Kapı önünde beslediğim kedim, erkek olduğu için sanırım dövüşmüş ve hastalanmıştı; ishal olmuş ve her tarafı pislik içindeydi. Hastalanmıştı ama yemek yiyordu, su içiyordu. Ben de minik dostları aradım. Tedavi etmek için gelip aldılar. Ben almalarını istemedim, hatta 'Burada tedavi olmaz mı? ' diye sordum. 'Olmaz' dediler. 'Geri getireceksiniz değil mi? ' dedim, 'Tedavisi bitince getireceğiz' dediler. Aradan bayağı zaman geçti. Eşim birkaç kez aradı, 'İyi tedavi görüyor' demişler.
Ben de aradım, telefonları kapalıydı, hiçbir şekilde ulaşamadım.

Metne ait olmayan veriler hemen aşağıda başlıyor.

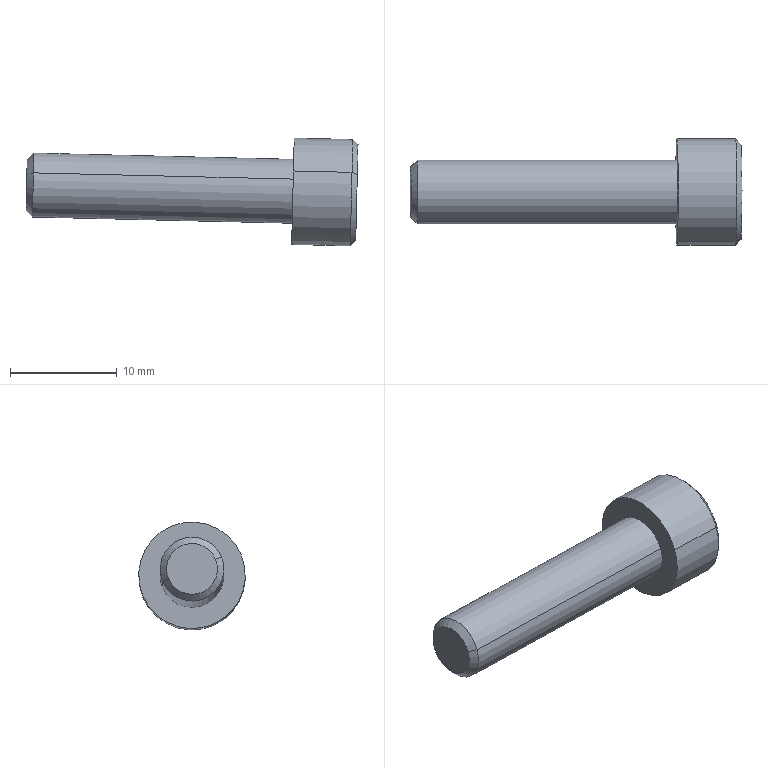Component | SolidWorks | 2012MB0201-1_AUpperRackFrameModule-1_ADJ42-G408-D6.5Assembly-10_HexSocketHeadCapScrewM6-25FerricOxide-1 | 1 solid | 25 faces | box 31.16 x 10 x 10.13 mm | volume 1097 mm3 | plane 15 | cone 6 | cylinder 4 | commonest cylinder face diameters 6 x2 10 x2 | material SCM435
STEP:
#1=COLOUR_RGB('',0.7922,0.8196,0.9333);
#2=FILL_AREA_STYLE_COLOUR('',#1);
#3=FILL_AREA_STYLE('',(#2));
#4=SURFACE_STYLE_FILL_AREA(#3);
#5=SURFACE_SIDE_STYLE('',(#4));
#6=SURFACE_STYLE_USAGE(.BOTH.,#5);
#7=PRESENTATION_STYLE_ASSIGNMENT((#6));
#8=CARTESIAN_POINT('',(-69.831,40.79,-44.912));
#9=VERTEX_POINT('',#8);
#10=CARTESIAN_POINT('',(-69.829,40.616,-44.84));
#11=VERTEX_POINT('',#10);
#12=CARTESIAN_POINT('',(-69.83,40.703,-44.876));
#13=DIRECTION('',(-0.9997,-0.,0.02392));
#14=DIRECTION('',(0.009134,-0.9242,0.3817));
#15=AXIS2_PLACEMENT_3D('',#12,#13,#14);
#16=CIRCLE('',#15,0.0939);
#17=EDGE_CURVE('',#9,#11,#16,.T.);
#18=ORIENTED_EDGE('',*,*,#17,.F.);
#19=CARTESIAN_POINT('',(-69.807,40.812,-44.922));
#20=VERTEX_POINT('',#19);
#21=CARTESIAN_POINT('',(-69.831,40.79,-44.912));
#22=DIRECTION('',(0.7004,0.6535,-0.2868));
#23=VECTOR('',#22,39.37);
#24=LINE('',#21,#23);
#25=EDGE_CURVE('',#9,#20,#24,.T.);
#26=ORIENTED_EDGE('',*,*,#25,.T.);
#27=CARTESIAN_POINT('',(-69.805,40.594,-44.832));
#28=VERTEX_POINT('',#27);
#29=CARTESIAN_POINT('',(-69.806,40.703,-44.877));
#30=DIRECTION('',(0.9997,0.,-0.02392));
#31=DIRECTION('',(0.009134,-0.9242,0.3817));
#32=AXIS2_PLACEMENT_3D('',#29,#30,#31);
#33=CIRCLE('',#32,0.1181);
#34=EDGE_CURVE('',#28,#20,#33,.T.);
#35=ORIENTED_EDGE('',*,*,#34,.F.);
#36=CARTESIAN_POINT('',(-69.829,40.616,-44.84));
#37=DIRECTION('',(0.7134,-0.6535,0.253));
#38=VECTOR('',#37,39.37);
#39=LINE('',#36,#38);
#40=EDGE_CURVE('',#11,#28,#39,.T.);
#41=ORIENTED_EDGE('',*,*,#40,.F.);
#42=EDGE_LOOP('',(#18,#26,#35,#41));
#43=FACE_OUTER_BOUND('',#42,.T.);
#44=CARTESIAN_POINT('',(-69.83,40.703,-44.876));
#45=DIRECTION('',(0.9997,0.,-0.02392));
#46=DIRECTION('',(0.009134,-0.9242,0.3817));
#47=AXIS2_PLACEMENT_3D('',#44,#45,#46);
#48=CONICAL_SURFACE('',#47,0.0939,0.7854);
#49=ADVANCED_FACE('',(#43),#48,.T.);
#50=ORIENTED_EDGE('',*,*,#34,.T.);
#51=CARTESIAN_POINT('',(-68.847,40.812,-44.945));
#52=VERTEX_POINT('',#51);
#53=CARTESIAN_POINT('',(-72.783,40.812,-44.851));
#54=DIRECTION('',(0.9997,0.,-0.02392));
#55=VECTOR('',#54,39.37);
#56=LINE('',#53,#55);
#57=EDGE_CURVE('',#20,#52,#56,.T.);
#58=ORIENTED_EDGE('',*,*,#57,.T.);
#59=CARTESIAN_POINT('',(-68.845,40.594,-44.855));
#60=VERTEX_POINT('',#59);
#61=CARTESIAN_POINT('',(-68.846,40.703,-44.9));
#62=DIRECTION('',(-0.9997,-0.,0.02392));
#63=DIRECTION('',(0.009134,-0.9242,0.3817));
#64=AXIS2_PLACEMENT_3D('',#61,#62,#63);
#65=CIRCLE('',#64,0.1181);
#66=EDGE_CURVE('',#52,#60,#65,.T.);
#67=ORIENTED_EDGE('',*,*,#66,.T.);
#68=CARTESIAN_POINT('',(-72.781,40.594,-44.76));
#69=DIRECTION('',(0.9997,0.,-0.02392));
#70=VECTOR('',#69,39.37);
#71=LINE('',#68,#70);
#72=EDGE_CURVE('',#28,#60,#71,.T.);
#73=ORIENTED_EDGE('',*,*,#72,.F.);
#74=EDGE_LOOP('',(#50,#58,#67,#73));
#75=FACE_OUTER_BOUND('',#74,.T.);
#76=CARTESIAN_POINT('',(-72.782,40.703,-44.806));
#77=DIRECTION('',(0.9997,0.,-0.02392));
#78=DIRECTION('',(0.009134,-0.9242,0.3817));
#79=AXIS2_PLACEMENT_3D('',#76,#77,#78);
#80=CYLINDRICAL_SURFACE('',#79,0.1181);
#81=ADVANCED_FACE('',(#75),#80,.T.);
#82=CARTESIAN_POINT('',(-68.844,40.521,-44.825));
#83=VERTEX_POINT('',#82);
#84=CARTESIAN_POINT('',(-68.848,40.885,-44.975));
#85=VERTEX_POINT('',#84);
#86=CARTESIAN_POINT('',(-68.846,40.703,-44.9));
#87=DIRECTION('',(0.9997,0.,-0.02392));
#88=DIRECTION('',(0.009134,-0.9242,0.3817));
#89=AXIS2_PLACEMENT_3D('',#86,#87,#88);
#90=CIRCLE('',#89,0.1969);
#91=EDGE_CURVE('',#83,#85,#90,.T.);
#92=ORIENTED_EDGE('',*,*,#91,.T.);
#93=CARTESIAN_POINT('',(-68.631,40.885,-44.98));
#94=VERTEX_POINT('',#93);
#95=CARTESIAN_POINT('',(-68.848,40.885,-44.975));
#96=DIRECTION('',(0.9997,0.,-0.02392));
#97=VECTOR('',#96,39.37);
#98=LINE('',#95,#97);
#99=EDGE_CURVE('',#85,#94,#98,.T.);
#100=ORIENTED_EDGE('',*,*,#99,.T.);
#101=CARTESIAN_POINT('',(-68.628,40.521,-44.83));
#102=VERTEX_POINT('',#101);
#103=CARTESIAN_POINT('',(-68.629,40.703,-44.905));
#104=DIRECTION('',(-0.9997,-0.,0.02392));
#105=DIRECTION('',(0.009134,-0.9242,0.3817));
#106=AXIS2_PLACEMENT_3D('',#103,#104,#105);
#107=CIRCLE('',#106,0.1969);
#108=EDGE_CURVE('',#94,#102,#107,.T.);
#109=ORIENTED_EDGE('',*,*,#108,.T.);
#110=CARTESIAN_POINT('',(-68.844,40.521,-44.825));
#111=DIRECTION('',(0.9997,0.,-0.02392));
#112=VECTOR('',#111,39.37);
#113=LINE('',#110,#112);
#114=EDGE_CURVE('',#83,#102,#113,.T.);
#115=ORIENTED_EDGE('',*,*,#114,.F.);
#116=EDGE_LOOP('',(#92,#100,#109,#115));
#117=FACE_OUTER_BOUND('',#116,.T.);
#118=CARTESIAN_POINT('',(-68.846,40.703,-44.9));
#119=DIRECTION('',(0.9997,0.,-0.02392));
#120=DIRECTION('',(0.009134,-0.9242,0.3817));
#121=AXIS2_PLACEMENT_3D('',#118,#119,#120);
#122=CYLINDRICAL_SURFACE('',#121,0.1969);
#123=ADVANCED_FACE('',(#117),#122,.T.);
#124=CARTESIAN_POINT('',(-68.611,40.867,-44.973));
#125=VERTEX_POINT('',#124);
#126=CARTESIAN_POINT('',(-68.608,40.539,-44.838));
#127=VERTEX_POINT('',#126);
#128=CARTESIAN_POINT('',(-68.61,40.703,-44.905));
#129=DIRECTION('',(-0.9997,-0.,0.02392));
#130=DIRECTION('',(-0.009134,0.9242,-0.3817));
#131=AXIS2_PLACEMENT_3D('',#128,#129,#130);
#132=CIRCLE('',#131,0.1772);
#133=EDGE_CURVE('',#125,#127,#132,.T.);
#134=ORIENTED_EDGE('',*,*,#133,.T.);
#135=CARTESIAN_POINT('',(-68.628,40.521,-44.83));
#136=DIRECTION('',(-0.7004,-0.6535,0.2868));
#137=VECTOR('',#136,39.37);
#138=LINE('',#135,#137);
#139=EDGE_CURVE('',#127,#102,#138,.T.);
#140=ORIENTED_EDGE('',*,*,#139,.T.);
#141=ORIENTED_EDGE('',*,*,#108,.F.);
#142=CARTESIAN_POINT('',(-68.631,40.885,-44.98));
#143=DIRECTION('',(-0.7134,0.6535,-0.253));
#144=VECTOR('',#143,39.37);
#145=LINE('',#142,#144);
#146=EDGE_CURVE('',#125,#94,#145,.T.);
#147=ORIENTED_EDGE('',*,*,#146,.F.);
#148=EDGE_LOOP('',(#134,#140,#141,#147));
#149=FACE_OUTER_BOUND('',#148,.T.);
#150=CARTESIAN_POINT('',(-68.629,40.703,-44.905));
#151=DIRECTION('',(-0.9997,-0.,0.02392));
#152=DIRECTION('',(-0.009134,0.9242,-0.3817));
#153=AXIS2_PLACEMENT_3D('',#150,#151,#152);
#154=CONICAL_SURFACE('',#153,0.1969,0.7854);
#155=ADVANCED_FACE('',(#149),#154,.T.);
#156=CARTESIAN_POINT('',(-68.785,40.703,-44.901));
#157=VERTEX_POINT('',#156);
#158=CARTESIAN_POINT('',(-68.727,40.612,-44.865));
#159=VERTEX_POINT('',#158);
#160=CARTESIAN_POINT('',(-68.727,40.612,-44.865));
#161=DIRECTION('',(0.5078,-0.8004,0.3186));
#162=VECTOR('',#161,39.37);
#163=LINE('',#160,#162);
#164=EDGE_CURVE('',#157,#159,#163,.T.);
#165=ORIENTED_EDGE('',*,*,#164,.F.);
#166=CARTESIAN_POINT('',(-68.729,40.794,-44.94));
#167=VERTEX_POINT('',#166);
#168=CARTESIAN_POINT('',(-68.729,40.794,-44.94));
#169=DIRECTION('',(0.4919,0.8004,-0.3426));
#170=VECTOR('',#169,39.37);
#171=LINE('',#168,#170);
#172=EDGE_CURVE('',#157,#167,#171,.T.);
#173=ORIENTED_EDGE('',*,*,#172,.T.);
#174=CARTESIAN_POINT('',(-68.726,40.781,-44.843));
#175=VERTEX_POINT('',#174);
#176=CARTESIAN_POINT('',(-68.728,40.703,-44.903));
#177=DIRECTION('',(-0.9997,-0.,0.02392));
#178=DIRECTION('',(0.009134,-0.9242,0.3817));
#179=AXIS2_PLACEMENT_3D('',#176,#177,#178);
#180=CIRCLE('',#179,0.09843);
#181=EDGE_CURVE('',#175,#167,#180,.T.);
#182=ORIENTED_EDGE('',*,*,#181,.F.);
#183=CARTESIAN_POINT('',(-68.725,40.69,-44.805));
#184=VERTEX_POINT('',#183);
#185=CARTESIAN_POINT('',(-68.728,40.703,-44.903));
#186=DIRECTION('',(-0.9997,-0.,0.02392));
#187=DIRECTION('',(0.009134,-0.9242,0.3817));
#188=AXIS2_PLACEMENT_3D('',#185,#186,#187);
#189=CIRCLE('',#188,0.09843);
#190=EDGE_CURVE('',#184,#175,#189,.T.);
#191=ORIENTED_EDGE('',*,*,#190,.F.);
#192=CARTESIAN_POINT('',(-68.728,40.703,-44.903));
#193=DIRECTION('',(-0.9997,-0.,0.02392));
#194=DIRECTION('',(0.009134,-0.9242,0.3817));
#195=AXIS2_PLACEMENT_3D('',#192,#193,#194);
#196=CIRCLE('',#195,0.09843);
#197=EDGE_CURVE('',#159,#184,#196,.T.);
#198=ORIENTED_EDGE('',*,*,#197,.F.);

Mesaj attım, dönmediler. Fotoğraf istedim, dönmediler. 'Kedim iyileştiyse, kendim gelip alacağım' dedim, dönmediler. Bugün bana 'Kediniz vefat etti' diye mesaj geliyor ve ben buna asla inanmıyorum.
Çünkü bu ilk değil, daha önce de sadece ayağında küçük bir yarası olan kediyi aldılar ve aradan zaman geçince 'Kediniz vefat etti' diye mesaj atmışlardı, aynı şeyi şimdi yine yaptılar.
Ben özellikle belirttim, 'Kedimi getirin, yıllardır ben bakıyorum zaten ona' dedim ama getirmediler. İnşallah barınak kapanır. Orası hayvanlar için tedavi ve bakım yeri değil, mezarlıktan başka bir şey değil. Sizin için bir kedi, bir köpek önemli olmayabilir ama benim için, benim gibiler için onlar birer can. Ve bizler gibi yaşam hakları var. Bunu kabul etmiyorsanız, barınak açmayacaksınız. Vicdani duygulardan mahrum yaşıyorsanız, bu işi yapmayacaksınız. Aldığınız maaş helal mi sanıyorsunuz?